Reference no: EM133006438
Decentralization and Transfer Pricing Performance
Clear Windows manufactures windows for the home and building industry. It has two divisions: the frame division and the glass division. The Frame division manufactures Frame A42 and sells it to the Glass division, and also sells the same part to the outside market for $45 per unit. The Frame division has a capacity to make 400,000 units of A42 per year.
The division's fixed costs are $8,000,000 per year and its variable costs per unit are as follows:
Direct material per unit $20
Direct labour per unit 12
Variable overhead 8
Variable selling cost if sold outside market 6
Frame A42 is an essential component of the glass division's products, which is windows.
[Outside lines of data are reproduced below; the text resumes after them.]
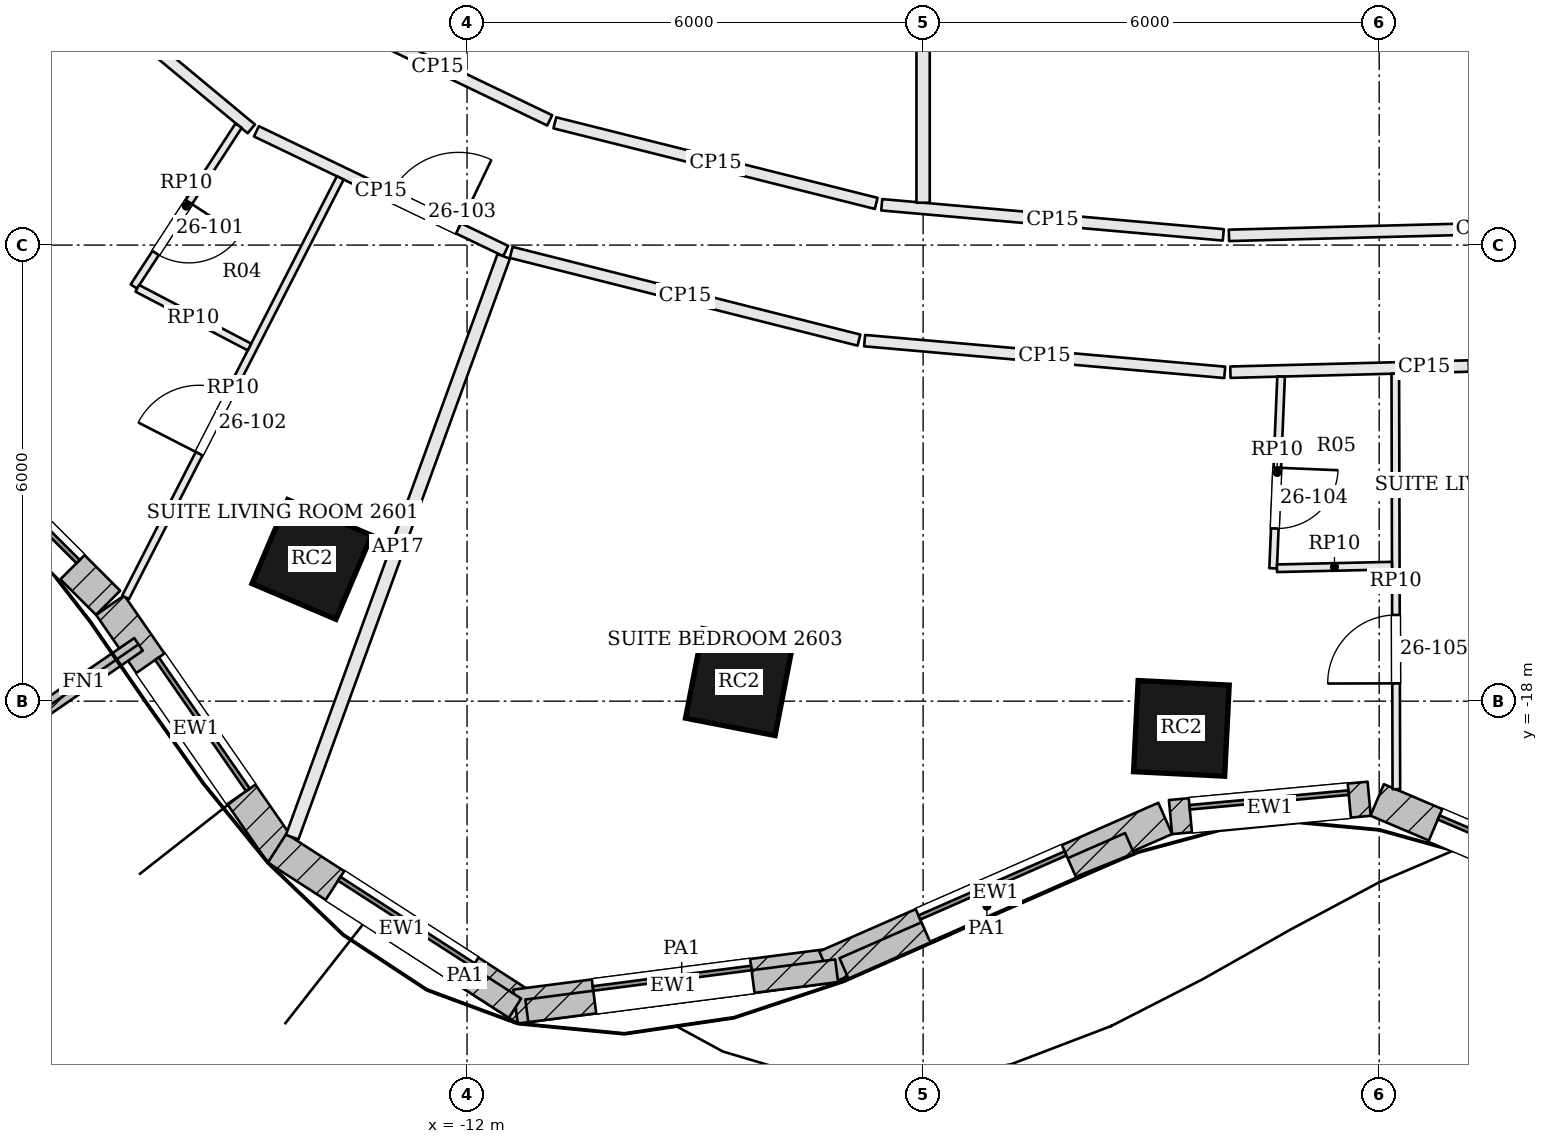
"""IFC4 building model, lengths in metres.
Left out: names, types, materials, properties, quantities, classifications, styles, units other than length and angle.
Written with IfcOpenShell. Run it as: python <this file> out.ifc"""

import sys

from ifc_helpers import new_model, si_unit, direction, frame, frame_2d, origin, origin_2d, place, context, subcontext, project, spatial, rectangle, extrude, element, fill, save


model = new_model("IFC4")
c1 = context("Model", 3, precision=1e-05, world=origin(), true_north=direction((0.0, 1.0)))
c2 = subcontext(c1, "Body", "Model", "MODEL_VIEW")
j1 = project(units=[si_unit("LENGTHUNIT", "METRE"), si_unit("PLANEANGLEUNIT", "RADIAN")], contexts=[c1])
p1 = place(None, origin())
s1 = spatial("IfcSite", under=j1, at=p1, CompositionType="ELEMENT")
p2 = place(p1, origin())
s2 = spatial("IfcBuilding", under=s1, at=p2, CompositionType="ELEMENT")
p3 = place(p2, frame((0.0, 0.0, 110.4)))
s3 = spatial("IfcBuildingStorey", under=s2, at=p3, CompositionType="ELEMENT", Elevation=110.4)
for number, where, z_axis, x_axis in (
    (1, (-14.042, -16.136, 0.0), (0.0, 0.0, 1.0), (0.92, -0.392, 0.0)),
    (2, (-8.422, -17.749, 0.0), (0.0, 0.0, 1.0), (0.982, -0.191, 0.0)),
    (3, (-2.602, -18.358, 0.0), (0.0, 0.0, 1.0), (0.999, -0.05, 0.0)),
):
    element("IfcColumn", number, at=place(p3, frame(where, z_axis=z_axis, x_axis=x_axis)), inside=s3, PredefinedType="COLUMN", context=c2, shape_type="SweptSolid", body=[
        extrude(rectangle(XDim=1.2, YDim=1.2, at=origin_2d()), origin(), (0.0, 0.0, 1.0), 3.6),
    ])
p4 = place(p3, frame((-19.145, -14.285, 0.0), z_axis=(0.0, 0.0, 1.0), x_axis=(0.707427521052, -0.706785895769, 0.0)))
e4 = element("IfcWall", 4, at=p4, inside=s3, PredefinedType="SOLIDWALL", context=c2, shape_type="SweptSolid", body=[
    extrude(rectangle(XDim=3.425, YDim=0.45, at=frame_2d((1.712, 0.0))), origin(), (0.0, 0.0, 1.0), 3.4),
])
p5 = place(p4, frame((0.662, 0.0, 0.9)))
e5 = element("IfcOpeningElement", 5, at=p5, cuts=e4, PredefinedType="OPENING", context=c2, shape_type="SweptSolid", body=[
    extrude(rectangle(XDim=2.1, YDim=2.0, at=frame_2d((1.05, 1.0))), frame((0.0, 0.235, 0.0), z_axis=(0.0, -1.0, 0.0), x_axis=(1.0, 0.0, 0.0)), (0.0, 0.0, 1.0), 0.47),
])
p6 = place(p3, frame((-16.695, -16.737, 0.0), z_axis=(0.0, 0.0, 1.0), x_axis=(0.569652445465, -0.821885692402, 0.0)))
e6 = element("IfcWall", 6, at=p6, inside=s3, PredefinedType="SOLIDWALL", context=c2, shape_type="SweptSolid", body=[
    extrude(rectangle(XDim=3.959, YDim=0.45, at=frame_2d((1.979, 0.0))), origin(), (0.0, 0.0, 1.0), 3.4),
])
p7 = place(p6, frame((0.929, 0.0, 0.9)))
e7 = element("IfcOpeningElement", 7, at=p7, cuts=e6, PredefinedType="OPENING", context=c2, shape_type="SweptSolid", body=[
    extrude(rectangle(XDim=2.1, YDim=2.0, at=frame_2d((1.05, 1.0))), frame((0.0, 0.235, 0.0), z_axis=(0.0, -1.0, 0.0), x_axis=(1.0, 0.0, 0.0)), (0.0, 0.0, 1.0), 0.47),
])
p8 = place(p3, frame((-14.499, -19.935, 0.0), z_axis=(0.0, 0.0, 1.0), x_axis=(0.84080910763, -0.541331732422, 0.0)))
e8 = element("IfcWall", 8, at=p8, inside=s3, PredefinedType="SOLIDWALL", context=c2, shape_type="SweptSolid", body=[
    extrude(rectangle(XDim=3.911, YDim=0.45, at=frame_2d((1.955, 0.0))), origin(), (0.0, 0.0, 1.0), 3.4),
])
p9 = place(p8, frame((0.905, 0.0, 0.9)))
e9 = element("IfcOpeningElement", 9, at=p9, cuts=e8, PredefinedType="OPENING", context=c2, shape_type="SweptSolid", body=[
    extrude(rectangle(XDim=2.1, YDim=2.0, at=frame_2d((1.05, 1.0))), frame((0.0, 0.235, 0.0), z_axis=(0.0, -1.0, 0.0), x_axis=(1.0, 0.0, 0.0)), (0.0, 0.0, 1.0), 0.47),
])
p10 = place(p3, frame((-11.362, -22.018, 0.0), z_axis=(0.0, 0.0, 1.0), x_axis=(0.991724958022, 0.128380713645, 0.0)))
e10 = element("IfcWall", 10, at=p10, inside=s3, PredefinedType="SOLIDWALL", context=c2, shape_type="SweptSolid", body=[
    extrude(rectangle(XDim=4.182, YDim=0.45, at=frame_2d((2.091, 0.0))), origin(), (0.0, 0.0, 1.0), 3.4),
])
p11 = place(p10, frame((1.041, 0.0, 0.9)))
e11 = element("IfcOpeningElement", 11, at=p11, cuts=e10, PredefinedType="OPENING", context=c2, shape_type="SweptSolid", body=[
    extrude(rectangle(XDim=2.1, YDim=2.0, at=frame_2d((1.05, 1.0))), frame((0.0, 0.235, 0.0), z_axis=(0.0, -1.0, 0.0), x_axis=(1.0, 0.0, 0.0)), (0.0, 0.0, 1.0), 0.47),
])
p12 = place(p3, frame((-7.276, -21.498, 0.0), z_axis=(0.0, 0.0, 1.0), x_axis=(0.915872941312, 0.401468249519, 0.0)))
e12 = element("IfcWall", 12, at=p12, inside=s3, PredefinedType="SOLIDWALL", context=c2, shape_type="SweptSolid", body=[
    extrude(rectangle(XDim=4.87, YDim=0.45, at=frame_2d((2.435, 0.0))), origin(), (0.0, 0.0, 1.0), 3.4),
])
p13 = place(p12, frame((1.385, 0.0, 0.9)))
e13 = element("IfcOpeningElement", 13, at=p13, cuts=e12, PredefinedType="OPENING", context=c2, shape_type="SweptSolid", body=[
    extrude(rectangle(XDim=2.1, YDim=2.0, at=frame_2d((1.05, 1.0))), frame((0.0, 0.235, 0.0), z_axis=(0.0, -1.0, 0.0), x_axis=(1.0, 0.0, 0.0)), (0.0, 0.0, 1.0), 0.47),
])
p14 = place(p3, frame((-2.745, -19.525, 0.0), z_axis=(0.0, 0.0, 1.0), x_axis=(0.995768774275, 0.091894222771, 0.0)))
e14 = element("IfcWall", 14, at=p14, inside=s3, PredefinedType="SOLIDWALL", context=c2, shape_type="SweptSolid", body=[
    extrude(rectangle(XDim=2.625, YDim=0.45, at=frame_2d((1.312, 0.0))), origin(), (0.0, 0.0, 1.0), 3.4),
])
p15 = place(p14, frame((0.262, 0.0, 0.9)))
e15 = element("IfcOpeningElement", 15, at=p15, cuts=e14, PredefinedType="OPENING", context=c2, shape_type="SweptSolid", body=[
    extrude(rectangle(XDim=2.1, YDim=2.0, at=frame_2d((1.05, 1.0))), frame((0.0, 0.235, 0.0), z_axis=(0.0, -1.0, 0.0), x_axis=(1.0, 0.0, 0.0)), (0.0, 0.0, 1.0), 0.47),
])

It requires one frame A42 to produce a window. The division sells 200,000 units per year at a price of $120 per unit.
The glass division's fixed costs are $5,000,000 per year and its variable costs per unit, excluding the cost of A42, are as follows:
Direct material per unit $10
Direct labour per unit 25
Variable overhead 10
Frame division's demand for Frame A42 from the outside market is currently 150,000 units per year.
Required:
Problem 1: Should the Frame division and Clear Window incur any opportunity costs if the transfer takes place? Justify your answer.
Problem 2: What transfer price range would you suggest to induce both divisions to want the glass division to purchase from the frame division instead of the market? Explain your response.
Problem 3: Refer to the original information. Provide one example of a cost over which Frame division manager may have no control. Discuss why is it important to distinguish between controllable and uncontrollable costs in the context of performance evaluation?